Versalovic ve ekibi, kolorektal kanser tümörü oluşumunu inhibe etme potansiyelini gözlemlemek amacıyla bağışıklık tepkilerini düzenlemedeki rolünü test ettiler.

Uyguladıkları HDC eksikliği olan fareleri kullanmışlardır. Ayrıca etkileri karşılaştırmak için kontrol grubunda farelere plasebo bileşimi uygulamışlardır.

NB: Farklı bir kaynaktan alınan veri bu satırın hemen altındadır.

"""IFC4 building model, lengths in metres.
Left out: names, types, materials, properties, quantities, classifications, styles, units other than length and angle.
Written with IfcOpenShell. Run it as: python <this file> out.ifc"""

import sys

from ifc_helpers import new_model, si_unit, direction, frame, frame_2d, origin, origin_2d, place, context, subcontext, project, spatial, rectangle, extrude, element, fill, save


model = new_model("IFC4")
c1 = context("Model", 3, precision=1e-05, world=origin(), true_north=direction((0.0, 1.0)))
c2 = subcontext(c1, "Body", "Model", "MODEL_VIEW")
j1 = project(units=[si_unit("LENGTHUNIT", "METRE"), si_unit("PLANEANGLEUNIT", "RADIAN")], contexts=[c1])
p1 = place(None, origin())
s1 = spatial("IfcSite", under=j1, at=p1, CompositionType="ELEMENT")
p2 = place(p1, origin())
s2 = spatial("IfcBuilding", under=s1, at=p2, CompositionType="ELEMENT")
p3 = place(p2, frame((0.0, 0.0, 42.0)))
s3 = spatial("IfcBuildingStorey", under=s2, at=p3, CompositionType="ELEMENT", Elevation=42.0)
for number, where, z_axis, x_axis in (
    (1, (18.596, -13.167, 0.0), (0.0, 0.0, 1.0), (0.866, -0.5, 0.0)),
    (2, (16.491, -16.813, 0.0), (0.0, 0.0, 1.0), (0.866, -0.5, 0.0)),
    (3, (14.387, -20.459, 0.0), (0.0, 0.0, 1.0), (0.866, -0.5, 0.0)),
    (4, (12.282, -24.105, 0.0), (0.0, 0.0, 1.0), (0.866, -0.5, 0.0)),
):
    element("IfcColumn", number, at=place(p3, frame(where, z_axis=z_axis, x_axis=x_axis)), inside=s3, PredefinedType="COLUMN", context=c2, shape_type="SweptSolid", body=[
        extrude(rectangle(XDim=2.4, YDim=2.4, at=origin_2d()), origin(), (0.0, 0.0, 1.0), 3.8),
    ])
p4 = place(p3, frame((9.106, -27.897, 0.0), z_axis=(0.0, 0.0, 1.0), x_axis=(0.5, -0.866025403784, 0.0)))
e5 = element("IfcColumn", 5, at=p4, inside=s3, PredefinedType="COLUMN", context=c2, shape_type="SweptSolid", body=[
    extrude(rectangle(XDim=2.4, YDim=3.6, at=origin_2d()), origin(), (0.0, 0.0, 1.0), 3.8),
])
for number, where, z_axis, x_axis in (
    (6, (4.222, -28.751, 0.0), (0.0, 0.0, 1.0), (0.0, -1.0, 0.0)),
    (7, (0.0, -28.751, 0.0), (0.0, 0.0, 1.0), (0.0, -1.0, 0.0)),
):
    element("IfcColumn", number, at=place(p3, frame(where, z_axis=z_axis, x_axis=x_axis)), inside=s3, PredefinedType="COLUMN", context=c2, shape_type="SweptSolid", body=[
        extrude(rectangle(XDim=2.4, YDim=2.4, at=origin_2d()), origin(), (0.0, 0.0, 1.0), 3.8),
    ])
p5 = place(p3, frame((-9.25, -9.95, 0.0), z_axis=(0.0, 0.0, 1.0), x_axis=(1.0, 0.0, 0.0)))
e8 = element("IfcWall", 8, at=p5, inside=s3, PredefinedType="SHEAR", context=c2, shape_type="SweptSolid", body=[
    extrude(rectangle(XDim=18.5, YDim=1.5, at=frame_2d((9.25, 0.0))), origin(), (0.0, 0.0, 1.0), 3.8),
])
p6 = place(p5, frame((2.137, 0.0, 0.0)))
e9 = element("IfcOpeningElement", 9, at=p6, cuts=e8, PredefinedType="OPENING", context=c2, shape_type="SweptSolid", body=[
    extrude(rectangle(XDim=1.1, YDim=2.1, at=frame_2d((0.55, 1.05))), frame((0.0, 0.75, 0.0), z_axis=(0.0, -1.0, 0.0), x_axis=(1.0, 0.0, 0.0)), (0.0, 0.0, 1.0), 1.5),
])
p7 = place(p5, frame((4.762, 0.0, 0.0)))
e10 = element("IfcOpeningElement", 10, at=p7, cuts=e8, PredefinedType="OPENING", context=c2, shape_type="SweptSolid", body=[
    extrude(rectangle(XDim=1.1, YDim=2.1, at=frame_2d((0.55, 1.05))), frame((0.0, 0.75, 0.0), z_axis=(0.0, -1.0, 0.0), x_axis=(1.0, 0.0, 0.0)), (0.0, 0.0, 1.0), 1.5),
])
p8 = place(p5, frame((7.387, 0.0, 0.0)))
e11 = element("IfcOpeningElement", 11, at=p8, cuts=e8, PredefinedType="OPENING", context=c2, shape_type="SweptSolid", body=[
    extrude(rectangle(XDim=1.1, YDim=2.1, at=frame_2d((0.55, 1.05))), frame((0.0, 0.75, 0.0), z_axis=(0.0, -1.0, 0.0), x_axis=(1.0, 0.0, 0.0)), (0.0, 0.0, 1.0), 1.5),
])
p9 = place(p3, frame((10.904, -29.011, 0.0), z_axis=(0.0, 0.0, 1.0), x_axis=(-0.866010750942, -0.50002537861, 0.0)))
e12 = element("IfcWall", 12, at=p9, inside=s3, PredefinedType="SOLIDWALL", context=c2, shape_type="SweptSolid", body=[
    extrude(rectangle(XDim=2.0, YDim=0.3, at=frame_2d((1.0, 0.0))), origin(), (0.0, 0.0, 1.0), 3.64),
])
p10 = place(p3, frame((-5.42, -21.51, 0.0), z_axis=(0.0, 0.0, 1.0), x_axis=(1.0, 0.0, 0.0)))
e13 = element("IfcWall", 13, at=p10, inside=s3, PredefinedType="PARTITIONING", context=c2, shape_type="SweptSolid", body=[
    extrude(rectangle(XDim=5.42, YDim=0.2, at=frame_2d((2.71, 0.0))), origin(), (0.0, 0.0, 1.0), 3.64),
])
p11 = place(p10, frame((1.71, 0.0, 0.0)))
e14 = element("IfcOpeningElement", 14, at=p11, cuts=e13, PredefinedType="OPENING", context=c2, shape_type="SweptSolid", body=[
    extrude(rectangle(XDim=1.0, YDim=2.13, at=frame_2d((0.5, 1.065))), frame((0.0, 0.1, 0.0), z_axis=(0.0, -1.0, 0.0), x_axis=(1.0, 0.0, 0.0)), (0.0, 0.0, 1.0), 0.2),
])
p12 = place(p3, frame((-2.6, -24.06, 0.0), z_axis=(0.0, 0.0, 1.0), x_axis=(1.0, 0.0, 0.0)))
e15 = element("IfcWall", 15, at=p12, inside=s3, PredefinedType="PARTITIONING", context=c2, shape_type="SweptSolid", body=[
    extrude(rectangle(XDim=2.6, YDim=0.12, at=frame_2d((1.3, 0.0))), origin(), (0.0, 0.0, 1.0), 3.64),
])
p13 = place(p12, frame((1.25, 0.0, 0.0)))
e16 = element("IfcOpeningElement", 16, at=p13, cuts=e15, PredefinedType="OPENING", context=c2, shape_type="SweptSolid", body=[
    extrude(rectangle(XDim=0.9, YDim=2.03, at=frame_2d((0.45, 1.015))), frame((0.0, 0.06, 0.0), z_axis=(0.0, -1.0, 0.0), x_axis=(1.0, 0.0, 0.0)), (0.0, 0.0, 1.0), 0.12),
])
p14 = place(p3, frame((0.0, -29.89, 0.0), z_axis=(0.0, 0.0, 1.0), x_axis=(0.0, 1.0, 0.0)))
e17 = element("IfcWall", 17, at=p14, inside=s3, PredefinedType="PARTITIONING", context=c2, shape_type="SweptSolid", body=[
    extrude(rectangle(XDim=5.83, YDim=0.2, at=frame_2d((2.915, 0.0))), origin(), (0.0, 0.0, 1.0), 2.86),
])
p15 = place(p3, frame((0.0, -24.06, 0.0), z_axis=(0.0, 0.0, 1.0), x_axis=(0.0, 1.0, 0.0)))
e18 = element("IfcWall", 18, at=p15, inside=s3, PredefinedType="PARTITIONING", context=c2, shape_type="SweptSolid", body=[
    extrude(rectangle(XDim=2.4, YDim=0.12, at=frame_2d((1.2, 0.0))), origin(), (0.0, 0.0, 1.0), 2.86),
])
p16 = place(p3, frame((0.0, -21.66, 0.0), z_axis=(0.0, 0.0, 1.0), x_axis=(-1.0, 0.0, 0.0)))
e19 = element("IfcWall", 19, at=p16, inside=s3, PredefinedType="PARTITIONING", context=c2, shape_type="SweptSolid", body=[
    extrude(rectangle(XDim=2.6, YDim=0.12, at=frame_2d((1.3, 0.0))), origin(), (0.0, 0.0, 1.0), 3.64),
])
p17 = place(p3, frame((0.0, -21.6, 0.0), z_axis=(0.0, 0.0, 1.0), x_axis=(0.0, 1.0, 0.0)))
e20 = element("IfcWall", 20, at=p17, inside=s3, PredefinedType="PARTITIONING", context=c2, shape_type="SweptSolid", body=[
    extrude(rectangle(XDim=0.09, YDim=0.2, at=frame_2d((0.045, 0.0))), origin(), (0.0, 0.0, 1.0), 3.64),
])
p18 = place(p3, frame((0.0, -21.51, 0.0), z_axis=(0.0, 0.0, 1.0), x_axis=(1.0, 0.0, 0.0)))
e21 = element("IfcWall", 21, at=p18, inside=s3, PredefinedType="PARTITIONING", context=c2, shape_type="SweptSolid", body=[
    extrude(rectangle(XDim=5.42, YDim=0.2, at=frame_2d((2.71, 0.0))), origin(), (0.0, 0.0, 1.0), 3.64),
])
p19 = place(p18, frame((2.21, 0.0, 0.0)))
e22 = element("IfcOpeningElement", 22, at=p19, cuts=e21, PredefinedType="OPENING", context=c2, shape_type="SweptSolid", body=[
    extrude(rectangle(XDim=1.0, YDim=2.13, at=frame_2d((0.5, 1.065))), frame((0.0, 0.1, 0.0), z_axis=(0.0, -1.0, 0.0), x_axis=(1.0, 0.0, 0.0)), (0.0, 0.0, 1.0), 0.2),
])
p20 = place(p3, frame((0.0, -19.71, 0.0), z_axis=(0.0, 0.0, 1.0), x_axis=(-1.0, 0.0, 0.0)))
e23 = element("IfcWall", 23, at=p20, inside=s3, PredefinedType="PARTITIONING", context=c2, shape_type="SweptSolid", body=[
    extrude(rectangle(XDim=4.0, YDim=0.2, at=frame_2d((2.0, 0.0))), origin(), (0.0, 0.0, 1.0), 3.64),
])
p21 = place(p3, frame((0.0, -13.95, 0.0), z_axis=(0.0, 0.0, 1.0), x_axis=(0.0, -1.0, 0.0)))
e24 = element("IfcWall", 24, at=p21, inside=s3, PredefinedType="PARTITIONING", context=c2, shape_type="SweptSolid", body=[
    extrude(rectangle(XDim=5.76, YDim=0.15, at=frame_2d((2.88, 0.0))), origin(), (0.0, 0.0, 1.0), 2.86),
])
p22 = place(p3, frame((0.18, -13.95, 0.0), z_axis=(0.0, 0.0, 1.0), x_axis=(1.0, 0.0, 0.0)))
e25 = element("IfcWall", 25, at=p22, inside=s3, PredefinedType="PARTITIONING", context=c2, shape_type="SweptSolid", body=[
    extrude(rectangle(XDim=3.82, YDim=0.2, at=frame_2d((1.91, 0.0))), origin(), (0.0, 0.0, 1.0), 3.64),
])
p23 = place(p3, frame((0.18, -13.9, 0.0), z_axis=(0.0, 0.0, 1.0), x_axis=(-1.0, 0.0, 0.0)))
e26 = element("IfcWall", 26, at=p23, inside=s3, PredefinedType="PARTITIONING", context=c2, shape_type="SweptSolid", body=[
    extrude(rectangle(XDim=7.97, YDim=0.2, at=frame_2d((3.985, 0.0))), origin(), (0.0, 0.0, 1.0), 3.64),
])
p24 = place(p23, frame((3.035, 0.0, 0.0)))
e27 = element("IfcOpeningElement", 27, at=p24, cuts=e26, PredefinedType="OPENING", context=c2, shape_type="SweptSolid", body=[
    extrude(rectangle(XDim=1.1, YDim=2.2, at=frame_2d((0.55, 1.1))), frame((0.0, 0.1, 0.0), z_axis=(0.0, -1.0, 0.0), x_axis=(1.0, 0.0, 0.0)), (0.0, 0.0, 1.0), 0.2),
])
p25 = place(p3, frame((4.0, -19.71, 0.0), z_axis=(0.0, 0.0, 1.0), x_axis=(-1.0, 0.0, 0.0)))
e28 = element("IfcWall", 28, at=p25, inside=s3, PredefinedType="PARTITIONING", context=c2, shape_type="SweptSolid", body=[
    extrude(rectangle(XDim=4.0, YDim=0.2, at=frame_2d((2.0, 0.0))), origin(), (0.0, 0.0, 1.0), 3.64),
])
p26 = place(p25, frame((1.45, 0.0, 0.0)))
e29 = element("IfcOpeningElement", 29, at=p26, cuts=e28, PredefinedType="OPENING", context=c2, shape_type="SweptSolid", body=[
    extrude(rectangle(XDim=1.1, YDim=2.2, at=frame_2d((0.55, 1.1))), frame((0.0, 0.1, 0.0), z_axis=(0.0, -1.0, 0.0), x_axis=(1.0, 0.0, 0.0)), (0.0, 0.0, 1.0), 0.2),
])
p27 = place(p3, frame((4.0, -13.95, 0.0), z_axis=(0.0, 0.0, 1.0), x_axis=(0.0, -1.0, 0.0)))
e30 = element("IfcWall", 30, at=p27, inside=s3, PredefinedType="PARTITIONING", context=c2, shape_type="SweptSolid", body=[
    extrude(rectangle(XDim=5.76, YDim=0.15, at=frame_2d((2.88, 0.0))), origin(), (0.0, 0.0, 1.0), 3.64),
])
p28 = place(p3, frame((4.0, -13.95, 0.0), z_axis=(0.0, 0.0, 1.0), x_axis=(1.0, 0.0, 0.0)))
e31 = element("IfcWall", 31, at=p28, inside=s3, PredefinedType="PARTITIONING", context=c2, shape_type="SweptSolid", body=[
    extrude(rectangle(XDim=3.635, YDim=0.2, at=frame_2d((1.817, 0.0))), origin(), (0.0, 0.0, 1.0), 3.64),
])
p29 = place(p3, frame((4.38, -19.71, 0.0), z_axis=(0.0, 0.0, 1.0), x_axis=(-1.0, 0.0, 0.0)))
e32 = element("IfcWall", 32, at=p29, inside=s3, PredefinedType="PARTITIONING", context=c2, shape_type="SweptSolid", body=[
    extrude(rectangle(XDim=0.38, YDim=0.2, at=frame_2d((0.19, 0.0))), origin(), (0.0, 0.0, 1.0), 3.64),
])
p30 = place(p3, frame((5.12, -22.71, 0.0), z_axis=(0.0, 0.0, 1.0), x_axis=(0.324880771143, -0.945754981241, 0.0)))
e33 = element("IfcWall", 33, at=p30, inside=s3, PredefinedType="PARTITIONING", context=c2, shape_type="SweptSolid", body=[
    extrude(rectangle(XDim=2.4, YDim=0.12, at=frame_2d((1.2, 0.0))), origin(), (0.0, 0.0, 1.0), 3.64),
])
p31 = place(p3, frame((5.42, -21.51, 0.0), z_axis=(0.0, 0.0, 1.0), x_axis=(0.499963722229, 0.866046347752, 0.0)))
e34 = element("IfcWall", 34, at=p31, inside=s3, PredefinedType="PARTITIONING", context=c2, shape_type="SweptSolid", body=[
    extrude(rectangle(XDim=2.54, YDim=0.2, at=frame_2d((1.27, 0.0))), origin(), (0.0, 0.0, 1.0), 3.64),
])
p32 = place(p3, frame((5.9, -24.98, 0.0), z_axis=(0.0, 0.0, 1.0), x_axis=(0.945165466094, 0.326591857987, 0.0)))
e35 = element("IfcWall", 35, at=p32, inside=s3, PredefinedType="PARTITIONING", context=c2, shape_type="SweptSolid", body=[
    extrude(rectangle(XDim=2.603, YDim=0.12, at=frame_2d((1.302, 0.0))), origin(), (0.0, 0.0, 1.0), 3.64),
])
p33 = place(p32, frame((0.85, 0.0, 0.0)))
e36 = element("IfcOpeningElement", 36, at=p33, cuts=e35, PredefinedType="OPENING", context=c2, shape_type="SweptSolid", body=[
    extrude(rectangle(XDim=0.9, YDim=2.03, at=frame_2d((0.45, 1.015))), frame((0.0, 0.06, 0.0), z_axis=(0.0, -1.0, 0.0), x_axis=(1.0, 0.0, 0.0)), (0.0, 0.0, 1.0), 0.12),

Farelere, bir kez daha ve bir kez daha, bir kez daha, iltihaplanmayı uyaran bir madde olan bir oksidan, bir kanserojen kimyasal ve DSS’nin uygulanması yoluyla tümör oluşumunun indüklenmesi verilmiştir.

Bu işlemden on beş hafta sonra, tümörün ilerlemesi ve probiyotik etkisinin kontrol edilmesi için farelerin gastrointestinal yolları araştırılmıştır.

Araştırmacılar HDC üretimini teşvik ettiğini ve kolonda histamin düzeylerini artırdığını keşfettiler.

Positron emisyon tomografisi tümörleri taramak için kullanıldı ve araştırmacılar probiyotiği yediği farelerin daha az tümör ve daha az boyutta olduğunu gösterdi. Tersine, kontrol grubundaki hayvanların daha büyük ve daha büyük tümörleri vardı.

HDC eksikliği olan inaktif suşlar herhangi bir koruyucu etki göstermemiştir.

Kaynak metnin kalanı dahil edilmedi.